Whale Season
Why Do Some Companies Struggle to Catch Small Fish?
“These deals aren’t big enough!”
“We need to move up-market!”
“I’ll never hit my quota like this, it’s not worth my time!”
“It costs us more to support this tiny customer than our biggest client!”
Does this sound familiar?
Unless your product is 100% self-service, it’s very difficult to scale a business on small deals.
How many account managers do you need to support one hundred deals worth ten grand each? Now what about one customer worth a million dollars? No comparison, right?
And somehow your company performs BETTER when the stakes are higher! Employees rise to the challenge. Everyone is proud to be working on something important. Those big customers get your best. And that makes them happy.
Not to mention the sales rep who closes one deal and hits her quota, while the others keep endlessly negotiating for scraps.
What’s the story?
At Antimatter Consulting, we unleash Whale Season for our customers. How do we do this? Here it is in five steps.
🎯 Number One: Do Less - And Be More Specific
Unless you’re Serena Williams or Donald Glover, you can’t do everything better than everyone else.
If you’re catching too many small fish, it’s probably because you’re casting too wide a net.
First, read Treacy and Wiersema’s famous work on “Value Disciplines”. They explain that your company can only be great at ONE of these three things:
Operational Excellence (think Amazon or GE)
Customer Intimacy (American Express, JetBlue)
Product Leadership (Apple, Rolex)
Choose one and examine yourself from that unique perspective.
Then, read Geoffrey Moore’s Crossing the Chasm. He’ll teach you to:
Pick a single target persona.
Develop the best end-to-end solution for their exact use case.
Focus 100% of your marketing and sales on this until you develop a beachhead. Then, and only then, broaden your market.
🐋 Number Two: Learn to Sing like a Whale
Whales have their own language, communicating over hundreds of miles. You need to learn this language. In other words, you must sing like a whale!
What does this mean in real life? Building on the last point from Moore: your marketing needs to tell the whole story of your perfect buyer. It’s an arc that looks like this:
Start with who they are and what’s going on in their world. Big picture. Think global economics, technical innovations, and political realities.
Define their specific problem by empathizing with their situation and their challenges.

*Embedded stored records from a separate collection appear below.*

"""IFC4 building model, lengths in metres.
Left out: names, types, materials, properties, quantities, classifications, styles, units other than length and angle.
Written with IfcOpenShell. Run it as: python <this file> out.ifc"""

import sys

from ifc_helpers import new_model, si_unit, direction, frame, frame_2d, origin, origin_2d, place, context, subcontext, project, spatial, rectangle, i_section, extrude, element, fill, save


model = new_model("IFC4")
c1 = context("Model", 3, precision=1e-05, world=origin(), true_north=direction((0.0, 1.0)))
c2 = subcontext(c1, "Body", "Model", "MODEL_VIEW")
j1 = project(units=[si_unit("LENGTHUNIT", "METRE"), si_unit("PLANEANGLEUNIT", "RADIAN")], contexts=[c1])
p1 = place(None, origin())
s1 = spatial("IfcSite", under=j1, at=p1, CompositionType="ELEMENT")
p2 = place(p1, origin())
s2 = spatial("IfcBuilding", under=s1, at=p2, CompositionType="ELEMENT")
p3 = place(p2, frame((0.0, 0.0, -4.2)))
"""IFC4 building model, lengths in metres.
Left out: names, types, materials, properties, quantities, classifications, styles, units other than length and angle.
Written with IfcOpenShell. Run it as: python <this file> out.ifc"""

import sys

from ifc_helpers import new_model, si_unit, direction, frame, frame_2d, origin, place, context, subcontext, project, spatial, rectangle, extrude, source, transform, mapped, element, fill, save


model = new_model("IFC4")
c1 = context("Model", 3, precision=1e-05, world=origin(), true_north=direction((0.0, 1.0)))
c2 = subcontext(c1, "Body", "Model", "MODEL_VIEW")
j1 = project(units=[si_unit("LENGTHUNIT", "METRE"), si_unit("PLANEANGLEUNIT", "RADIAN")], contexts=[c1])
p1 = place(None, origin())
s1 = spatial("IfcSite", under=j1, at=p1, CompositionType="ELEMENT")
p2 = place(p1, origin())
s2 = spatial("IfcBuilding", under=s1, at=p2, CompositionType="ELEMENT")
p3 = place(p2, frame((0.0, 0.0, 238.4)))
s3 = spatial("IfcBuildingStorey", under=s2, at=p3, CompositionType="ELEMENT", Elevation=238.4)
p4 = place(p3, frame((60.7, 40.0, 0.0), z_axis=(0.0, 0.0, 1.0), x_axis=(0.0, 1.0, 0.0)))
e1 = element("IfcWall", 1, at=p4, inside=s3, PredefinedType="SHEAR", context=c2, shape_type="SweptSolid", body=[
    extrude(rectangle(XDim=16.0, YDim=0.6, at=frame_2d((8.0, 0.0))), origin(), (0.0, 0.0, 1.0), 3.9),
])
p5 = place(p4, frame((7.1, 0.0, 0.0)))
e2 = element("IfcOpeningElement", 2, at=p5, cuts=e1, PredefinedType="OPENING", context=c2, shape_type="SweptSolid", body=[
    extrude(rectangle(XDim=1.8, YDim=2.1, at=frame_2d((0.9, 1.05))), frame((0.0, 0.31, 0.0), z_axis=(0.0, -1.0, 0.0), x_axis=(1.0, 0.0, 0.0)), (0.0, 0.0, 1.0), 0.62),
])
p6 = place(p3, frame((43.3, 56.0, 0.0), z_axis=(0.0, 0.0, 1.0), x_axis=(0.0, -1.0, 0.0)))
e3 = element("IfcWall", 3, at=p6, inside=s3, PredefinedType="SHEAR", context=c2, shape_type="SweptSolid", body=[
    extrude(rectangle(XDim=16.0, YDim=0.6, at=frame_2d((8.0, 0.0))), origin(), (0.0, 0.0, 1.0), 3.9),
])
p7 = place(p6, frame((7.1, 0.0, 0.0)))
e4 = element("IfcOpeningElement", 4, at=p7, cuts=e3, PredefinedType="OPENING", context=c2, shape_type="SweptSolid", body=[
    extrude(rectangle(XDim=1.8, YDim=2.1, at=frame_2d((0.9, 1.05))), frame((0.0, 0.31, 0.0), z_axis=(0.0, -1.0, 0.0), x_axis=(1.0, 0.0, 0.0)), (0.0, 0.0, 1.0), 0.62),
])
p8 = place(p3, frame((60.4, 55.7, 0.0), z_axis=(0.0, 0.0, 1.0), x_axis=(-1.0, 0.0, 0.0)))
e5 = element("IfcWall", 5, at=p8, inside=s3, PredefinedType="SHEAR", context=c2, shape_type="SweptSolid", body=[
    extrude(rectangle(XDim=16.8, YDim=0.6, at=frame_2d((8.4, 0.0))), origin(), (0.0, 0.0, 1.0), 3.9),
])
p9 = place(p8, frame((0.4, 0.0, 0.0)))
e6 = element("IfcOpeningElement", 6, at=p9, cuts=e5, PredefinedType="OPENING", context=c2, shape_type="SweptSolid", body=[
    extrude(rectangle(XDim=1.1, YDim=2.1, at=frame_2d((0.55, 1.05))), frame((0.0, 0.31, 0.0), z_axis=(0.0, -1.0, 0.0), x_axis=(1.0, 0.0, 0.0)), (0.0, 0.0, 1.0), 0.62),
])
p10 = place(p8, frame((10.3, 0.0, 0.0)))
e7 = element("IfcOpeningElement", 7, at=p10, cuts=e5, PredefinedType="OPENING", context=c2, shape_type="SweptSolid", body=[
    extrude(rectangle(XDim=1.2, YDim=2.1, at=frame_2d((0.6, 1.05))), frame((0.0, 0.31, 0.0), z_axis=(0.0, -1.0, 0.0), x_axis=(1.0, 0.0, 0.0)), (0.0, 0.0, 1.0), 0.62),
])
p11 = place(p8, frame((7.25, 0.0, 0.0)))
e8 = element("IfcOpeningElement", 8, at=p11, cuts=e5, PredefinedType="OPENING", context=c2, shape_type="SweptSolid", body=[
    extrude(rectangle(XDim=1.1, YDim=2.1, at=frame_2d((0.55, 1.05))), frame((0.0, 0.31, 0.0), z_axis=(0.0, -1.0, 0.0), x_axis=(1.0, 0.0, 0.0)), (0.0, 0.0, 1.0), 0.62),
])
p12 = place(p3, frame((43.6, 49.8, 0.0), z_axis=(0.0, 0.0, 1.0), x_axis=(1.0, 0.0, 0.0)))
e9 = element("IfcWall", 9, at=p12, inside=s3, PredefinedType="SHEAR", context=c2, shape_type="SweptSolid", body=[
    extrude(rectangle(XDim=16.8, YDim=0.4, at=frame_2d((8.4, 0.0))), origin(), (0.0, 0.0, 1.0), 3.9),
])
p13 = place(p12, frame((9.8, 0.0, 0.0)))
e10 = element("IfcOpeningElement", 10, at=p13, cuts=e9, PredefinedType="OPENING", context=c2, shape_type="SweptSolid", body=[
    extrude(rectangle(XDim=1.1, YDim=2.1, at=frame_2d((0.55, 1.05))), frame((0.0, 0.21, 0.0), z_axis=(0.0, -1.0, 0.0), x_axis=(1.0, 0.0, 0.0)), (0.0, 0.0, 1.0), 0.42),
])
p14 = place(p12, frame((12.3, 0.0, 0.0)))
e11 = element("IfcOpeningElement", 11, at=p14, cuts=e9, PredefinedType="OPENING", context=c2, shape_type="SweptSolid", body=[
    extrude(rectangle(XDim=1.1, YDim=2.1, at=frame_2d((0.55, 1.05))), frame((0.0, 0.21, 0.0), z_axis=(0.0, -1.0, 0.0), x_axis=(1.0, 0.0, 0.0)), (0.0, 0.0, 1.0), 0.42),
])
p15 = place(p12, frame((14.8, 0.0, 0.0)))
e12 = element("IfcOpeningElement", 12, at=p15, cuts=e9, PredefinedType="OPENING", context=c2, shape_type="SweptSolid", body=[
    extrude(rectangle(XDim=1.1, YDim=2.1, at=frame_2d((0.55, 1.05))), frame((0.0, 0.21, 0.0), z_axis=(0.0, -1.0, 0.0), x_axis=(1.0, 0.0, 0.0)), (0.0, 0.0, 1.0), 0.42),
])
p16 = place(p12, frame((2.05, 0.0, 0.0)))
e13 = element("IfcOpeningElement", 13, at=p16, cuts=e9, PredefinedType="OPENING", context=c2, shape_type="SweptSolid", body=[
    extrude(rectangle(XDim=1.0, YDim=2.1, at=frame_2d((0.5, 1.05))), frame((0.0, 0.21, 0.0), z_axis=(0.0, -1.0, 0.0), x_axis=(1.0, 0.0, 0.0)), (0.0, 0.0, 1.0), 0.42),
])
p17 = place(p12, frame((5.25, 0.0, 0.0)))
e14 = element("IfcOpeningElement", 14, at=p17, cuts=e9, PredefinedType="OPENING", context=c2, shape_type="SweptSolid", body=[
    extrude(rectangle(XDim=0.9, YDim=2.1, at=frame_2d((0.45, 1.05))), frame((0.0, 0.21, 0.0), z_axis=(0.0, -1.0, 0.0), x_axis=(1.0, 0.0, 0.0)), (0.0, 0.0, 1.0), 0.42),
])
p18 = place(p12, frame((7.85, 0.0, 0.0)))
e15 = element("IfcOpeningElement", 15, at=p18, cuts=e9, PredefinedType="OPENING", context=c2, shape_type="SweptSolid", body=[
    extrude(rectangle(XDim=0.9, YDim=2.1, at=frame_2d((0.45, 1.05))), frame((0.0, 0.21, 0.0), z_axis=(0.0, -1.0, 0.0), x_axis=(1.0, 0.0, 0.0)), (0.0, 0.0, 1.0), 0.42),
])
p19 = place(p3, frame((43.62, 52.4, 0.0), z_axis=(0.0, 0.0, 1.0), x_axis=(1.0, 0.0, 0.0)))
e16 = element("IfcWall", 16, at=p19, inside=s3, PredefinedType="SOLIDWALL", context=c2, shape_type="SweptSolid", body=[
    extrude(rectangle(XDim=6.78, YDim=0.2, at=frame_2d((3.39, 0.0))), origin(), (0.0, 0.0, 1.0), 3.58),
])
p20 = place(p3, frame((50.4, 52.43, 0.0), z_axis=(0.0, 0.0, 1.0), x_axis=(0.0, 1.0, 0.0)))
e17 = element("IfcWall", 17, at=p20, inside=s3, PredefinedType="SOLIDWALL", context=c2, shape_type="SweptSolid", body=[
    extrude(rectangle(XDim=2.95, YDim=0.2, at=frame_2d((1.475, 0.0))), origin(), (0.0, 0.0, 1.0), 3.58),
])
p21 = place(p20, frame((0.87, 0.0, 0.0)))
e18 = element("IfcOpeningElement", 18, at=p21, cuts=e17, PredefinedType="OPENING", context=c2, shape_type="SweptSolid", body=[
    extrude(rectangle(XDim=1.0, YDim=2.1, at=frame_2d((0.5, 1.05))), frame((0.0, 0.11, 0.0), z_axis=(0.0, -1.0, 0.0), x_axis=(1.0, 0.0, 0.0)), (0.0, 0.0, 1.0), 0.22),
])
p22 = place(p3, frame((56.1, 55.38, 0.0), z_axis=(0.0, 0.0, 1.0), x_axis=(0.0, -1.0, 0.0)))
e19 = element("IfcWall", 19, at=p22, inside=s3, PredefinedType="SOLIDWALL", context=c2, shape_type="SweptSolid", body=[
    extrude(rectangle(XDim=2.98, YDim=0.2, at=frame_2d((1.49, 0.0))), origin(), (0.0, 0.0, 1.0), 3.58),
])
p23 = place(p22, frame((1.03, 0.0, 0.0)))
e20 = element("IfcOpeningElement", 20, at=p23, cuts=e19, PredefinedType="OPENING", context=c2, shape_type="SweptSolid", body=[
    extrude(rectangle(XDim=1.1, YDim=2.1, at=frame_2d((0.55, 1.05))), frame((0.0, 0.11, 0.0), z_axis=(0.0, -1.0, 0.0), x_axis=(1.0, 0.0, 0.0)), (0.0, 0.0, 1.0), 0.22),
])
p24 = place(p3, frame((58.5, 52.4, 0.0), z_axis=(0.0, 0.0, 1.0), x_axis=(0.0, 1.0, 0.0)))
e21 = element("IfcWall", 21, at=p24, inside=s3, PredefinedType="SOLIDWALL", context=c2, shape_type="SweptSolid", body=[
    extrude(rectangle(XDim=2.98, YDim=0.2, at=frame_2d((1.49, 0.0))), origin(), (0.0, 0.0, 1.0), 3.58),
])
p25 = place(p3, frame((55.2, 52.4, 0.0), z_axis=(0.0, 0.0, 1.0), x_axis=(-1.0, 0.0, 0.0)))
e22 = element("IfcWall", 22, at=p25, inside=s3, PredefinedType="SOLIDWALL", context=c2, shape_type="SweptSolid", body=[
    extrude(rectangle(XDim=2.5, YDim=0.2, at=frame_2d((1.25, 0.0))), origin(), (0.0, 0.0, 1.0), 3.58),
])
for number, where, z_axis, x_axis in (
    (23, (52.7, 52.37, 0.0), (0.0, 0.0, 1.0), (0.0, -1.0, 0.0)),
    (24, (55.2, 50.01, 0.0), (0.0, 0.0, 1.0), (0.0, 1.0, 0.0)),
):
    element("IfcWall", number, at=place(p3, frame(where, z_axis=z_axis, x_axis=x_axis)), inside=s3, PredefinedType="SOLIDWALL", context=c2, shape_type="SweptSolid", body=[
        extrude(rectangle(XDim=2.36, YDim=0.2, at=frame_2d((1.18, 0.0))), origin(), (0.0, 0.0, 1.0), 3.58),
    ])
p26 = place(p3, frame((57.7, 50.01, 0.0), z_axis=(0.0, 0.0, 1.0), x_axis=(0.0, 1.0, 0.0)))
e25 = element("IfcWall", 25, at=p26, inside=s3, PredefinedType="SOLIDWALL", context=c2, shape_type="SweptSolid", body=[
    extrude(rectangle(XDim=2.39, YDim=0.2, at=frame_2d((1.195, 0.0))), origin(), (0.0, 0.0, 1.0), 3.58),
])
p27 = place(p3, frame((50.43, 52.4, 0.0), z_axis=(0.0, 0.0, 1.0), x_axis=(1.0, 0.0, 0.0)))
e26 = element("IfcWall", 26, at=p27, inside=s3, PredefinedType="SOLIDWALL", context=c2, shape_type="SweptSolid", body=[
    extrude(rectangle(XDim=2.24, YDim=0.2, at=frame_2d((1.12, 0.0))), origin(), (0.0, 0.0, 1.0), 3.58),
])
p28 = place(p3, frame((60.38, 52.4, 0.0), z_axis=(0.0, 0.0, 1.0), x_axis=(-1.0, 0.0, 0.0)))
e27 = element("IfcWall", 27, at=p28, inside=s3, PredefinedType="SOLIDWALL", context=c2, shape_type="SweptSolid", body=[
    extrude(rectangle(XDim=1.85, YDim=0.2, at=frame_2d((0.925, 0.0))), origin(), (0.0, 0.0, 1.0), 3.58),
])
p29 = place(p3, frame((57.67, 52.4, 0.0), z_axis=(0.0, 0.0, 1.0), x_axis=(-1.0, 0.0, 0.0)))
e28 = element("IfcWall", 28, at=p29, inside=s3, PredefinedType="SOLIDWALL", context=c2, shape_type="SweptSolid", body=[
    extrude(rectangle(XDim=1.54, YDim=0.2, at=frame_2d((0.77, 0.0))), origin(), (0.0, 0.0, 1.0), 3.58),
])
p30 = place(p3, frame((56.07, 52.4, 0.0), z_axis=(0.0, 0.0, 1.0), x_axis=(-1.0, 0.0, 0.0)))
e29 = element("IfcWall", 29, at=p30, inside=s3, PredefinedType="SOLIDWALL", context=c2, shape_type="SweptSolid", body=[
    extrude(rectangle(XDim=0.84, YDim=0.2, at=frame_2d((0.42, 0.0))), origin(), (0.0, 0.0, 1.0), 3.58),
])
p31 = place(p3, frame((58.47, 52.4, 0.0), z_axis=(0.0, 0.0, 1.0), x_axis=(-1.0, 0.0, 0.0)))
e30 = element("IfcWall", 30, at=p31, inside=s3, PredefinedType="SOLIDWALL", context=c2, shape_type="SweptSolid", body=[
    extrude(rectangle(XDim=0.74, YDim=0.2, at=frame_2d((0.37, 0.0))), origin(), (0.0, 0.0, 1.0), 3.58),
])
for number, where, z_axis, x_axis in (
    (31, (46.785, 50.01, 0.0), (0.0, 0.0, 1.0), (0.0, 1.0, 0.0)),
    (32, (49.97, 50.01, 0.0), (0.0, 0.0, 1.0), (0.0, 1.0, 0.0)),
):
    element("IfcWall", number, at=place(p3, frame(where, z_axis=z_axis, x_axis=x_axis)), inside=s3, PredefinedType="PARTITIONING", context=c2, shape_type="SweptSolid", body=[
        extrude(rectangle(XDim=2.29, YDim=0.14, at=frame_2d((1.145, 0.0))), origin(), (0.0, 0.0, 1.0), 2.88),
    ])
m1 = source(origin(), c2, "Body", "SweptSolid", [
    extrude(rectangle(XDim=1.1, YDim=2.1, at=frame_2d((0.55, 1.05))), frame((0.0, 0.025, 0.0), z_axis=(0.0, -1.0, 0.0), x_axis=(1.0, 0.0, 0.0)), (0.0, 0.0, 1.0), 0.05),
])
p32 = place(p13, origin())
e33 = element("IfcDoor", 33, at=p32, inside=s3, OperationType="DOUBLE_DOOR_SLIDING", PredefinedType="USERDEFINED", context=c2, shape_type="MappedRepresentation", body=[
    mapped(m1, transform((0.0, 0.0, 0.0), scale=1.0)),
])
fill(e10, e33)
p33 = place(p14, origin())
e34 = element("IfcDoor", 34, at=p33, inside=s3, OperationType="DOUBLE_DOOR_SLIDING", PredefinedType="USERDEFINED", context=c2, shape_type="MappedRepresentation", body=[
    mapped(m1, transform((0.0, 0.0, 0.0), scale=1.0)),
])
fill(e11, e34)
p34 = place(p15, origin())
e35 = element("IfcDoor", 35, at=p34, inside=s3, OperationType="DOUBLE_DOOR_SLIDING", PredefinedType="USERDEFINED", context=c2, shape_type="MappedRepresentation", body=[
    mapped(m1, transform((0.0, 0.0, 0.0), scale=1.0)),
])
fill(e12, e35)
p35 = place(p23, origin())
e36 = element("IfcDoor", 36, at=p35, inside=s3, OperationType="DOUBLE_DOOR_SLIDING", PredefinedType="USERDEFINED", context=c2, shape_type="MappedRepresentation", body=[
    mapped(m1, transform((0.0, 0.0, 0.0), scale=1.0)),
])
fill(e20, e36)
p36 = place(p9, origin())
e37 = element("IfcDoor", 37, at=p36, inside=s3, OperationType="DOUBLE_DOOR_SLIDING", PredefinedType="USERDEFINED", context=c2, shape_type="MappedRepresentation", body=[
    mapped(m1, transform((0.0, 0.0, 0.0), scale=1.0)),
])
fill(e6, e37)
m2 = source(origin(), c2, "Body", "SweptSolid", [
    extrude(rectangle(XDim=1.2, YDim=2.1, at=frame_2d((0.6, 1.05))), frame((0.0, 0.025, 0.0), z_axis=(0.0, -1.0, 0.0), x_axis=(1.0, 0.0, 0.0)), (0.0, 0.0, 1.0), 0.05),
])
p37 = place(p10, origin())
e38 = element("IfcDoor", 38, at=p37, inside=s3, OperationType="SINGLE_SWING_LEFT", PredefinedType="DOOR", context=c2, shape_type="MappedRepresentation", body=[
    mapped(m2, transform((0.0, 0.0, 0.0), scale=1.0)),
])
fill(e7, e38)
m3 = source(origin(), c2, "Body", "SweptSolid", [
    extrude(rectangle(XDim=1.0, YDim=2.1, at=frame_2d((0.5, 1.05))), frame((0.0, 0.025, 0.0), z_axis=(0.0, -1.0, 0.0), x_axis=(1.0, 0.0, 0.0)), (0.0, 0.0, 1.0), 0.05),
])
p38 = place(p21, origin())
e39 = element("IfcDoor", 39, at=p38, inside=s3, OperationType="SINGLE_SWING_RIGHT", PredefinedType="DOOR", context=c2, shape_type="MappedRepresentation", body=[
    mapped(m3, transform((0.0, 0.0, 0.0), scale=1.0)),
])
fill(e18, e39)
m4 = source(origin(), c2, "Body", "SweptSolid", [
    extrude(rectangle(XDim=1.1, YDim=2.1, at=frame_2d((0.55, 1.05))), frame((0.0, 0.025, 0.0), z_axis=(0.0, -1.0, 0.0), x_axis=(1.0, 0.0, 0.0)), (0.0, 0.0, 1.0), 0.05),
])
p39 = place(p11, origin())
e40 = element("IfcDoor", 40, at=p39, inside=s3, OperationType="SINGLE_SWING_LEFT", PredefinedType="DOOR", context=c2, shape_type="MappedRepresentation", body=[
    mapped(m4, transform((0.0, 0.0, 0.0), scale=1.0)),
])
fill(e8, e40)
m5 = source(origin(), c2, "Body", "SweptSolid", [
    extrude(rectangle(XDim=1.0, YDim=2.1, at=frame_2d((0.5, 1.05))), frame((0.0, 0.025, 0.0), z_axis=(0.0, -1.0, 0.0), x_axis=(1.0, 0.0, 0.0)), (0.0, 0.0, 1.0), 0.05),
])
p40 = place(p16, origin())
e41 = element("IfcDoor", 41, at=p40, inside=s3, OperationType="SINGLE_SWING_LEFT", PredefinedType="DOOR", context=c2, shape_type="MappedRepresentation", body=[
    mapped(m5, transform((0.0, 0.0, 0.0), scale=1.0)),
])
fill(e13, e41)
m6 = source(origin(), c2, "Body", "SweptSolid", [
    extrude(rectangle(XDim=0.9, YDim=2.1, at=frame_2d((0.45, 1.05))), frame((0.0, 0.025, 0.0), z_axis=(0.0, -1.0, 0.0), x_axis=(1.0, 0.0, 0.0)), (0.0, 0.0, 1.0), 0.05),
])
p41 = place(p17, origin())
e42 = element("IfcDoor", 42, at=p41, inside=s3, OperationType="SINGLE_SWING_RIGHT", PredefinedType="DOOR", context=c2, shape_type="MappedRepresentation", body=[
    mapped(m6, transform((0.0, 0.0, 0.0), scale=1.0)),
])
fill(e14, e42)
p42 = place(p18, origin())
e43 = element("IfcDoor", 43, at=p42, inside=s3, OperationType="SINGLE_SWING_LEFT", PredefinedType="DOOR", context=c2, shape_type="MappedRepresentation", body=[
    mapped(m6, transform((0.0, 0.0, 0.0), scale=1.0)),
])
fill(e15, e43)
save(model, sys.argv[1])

Don’t solve it yet, just show that you understand it.
Present a solution to their challenges, not yours. We know you think your company is cool because you have lots of features and whiz-bang technical solutions. But you’re only going to talk about how you solve their exact problem.
Then show real-world examples of how you’re helping people like them, changing that big picture world they live in one small step at a time.
Now you’re singing like a whale!
🎣 Number Three: More Rods Doesn’t Mean More Fish
If you have 3 reps that aren’t selling, hiring 10 more isn’t going to fix the problem. It’s your job as an executive team to prove that your products and services are sellable. You need to train your salespeople on exactly who they’re looking for, why that person would want to be your customer, and where to find them. If you (the founders and leaders of your firm) don’t know this, then how can you expect a brand new sales rep to succeed?
🐳🐳 Number Four: Whales Travel in Packs
(actually “pods” but who’s counting?)
You can never invest too much in making your whale projects successful. This applies whether your focus is on product leadership, customer intimacy, or operational excellence. Don’t catch one whale and then get fat on blubber for the rest of the year. Go above and beyond to make sure that once you’ve landed that customer, they are going to sing your praises, refer their friends, and bring you more business. Delight them. Hire top quality people to stay ahead of their needs. Get as much feedback as possible and push your business to find their next challenge and solve it before someone else does.
Once you find a whale, you don’t start over from scratch in a different pond. You follow that big beautiful mammal as closely as you can to find out where its friends live.
🌊 Number Five: Get Ready for Deep Water
You’re not going to catch a whale in shallow water. It’s going to take time and effort. There will be storms along the way. Be prepared to starve before you eat. If you’re thinking month-by-month, or even quarter-by-quarter, you’re in the wrong game.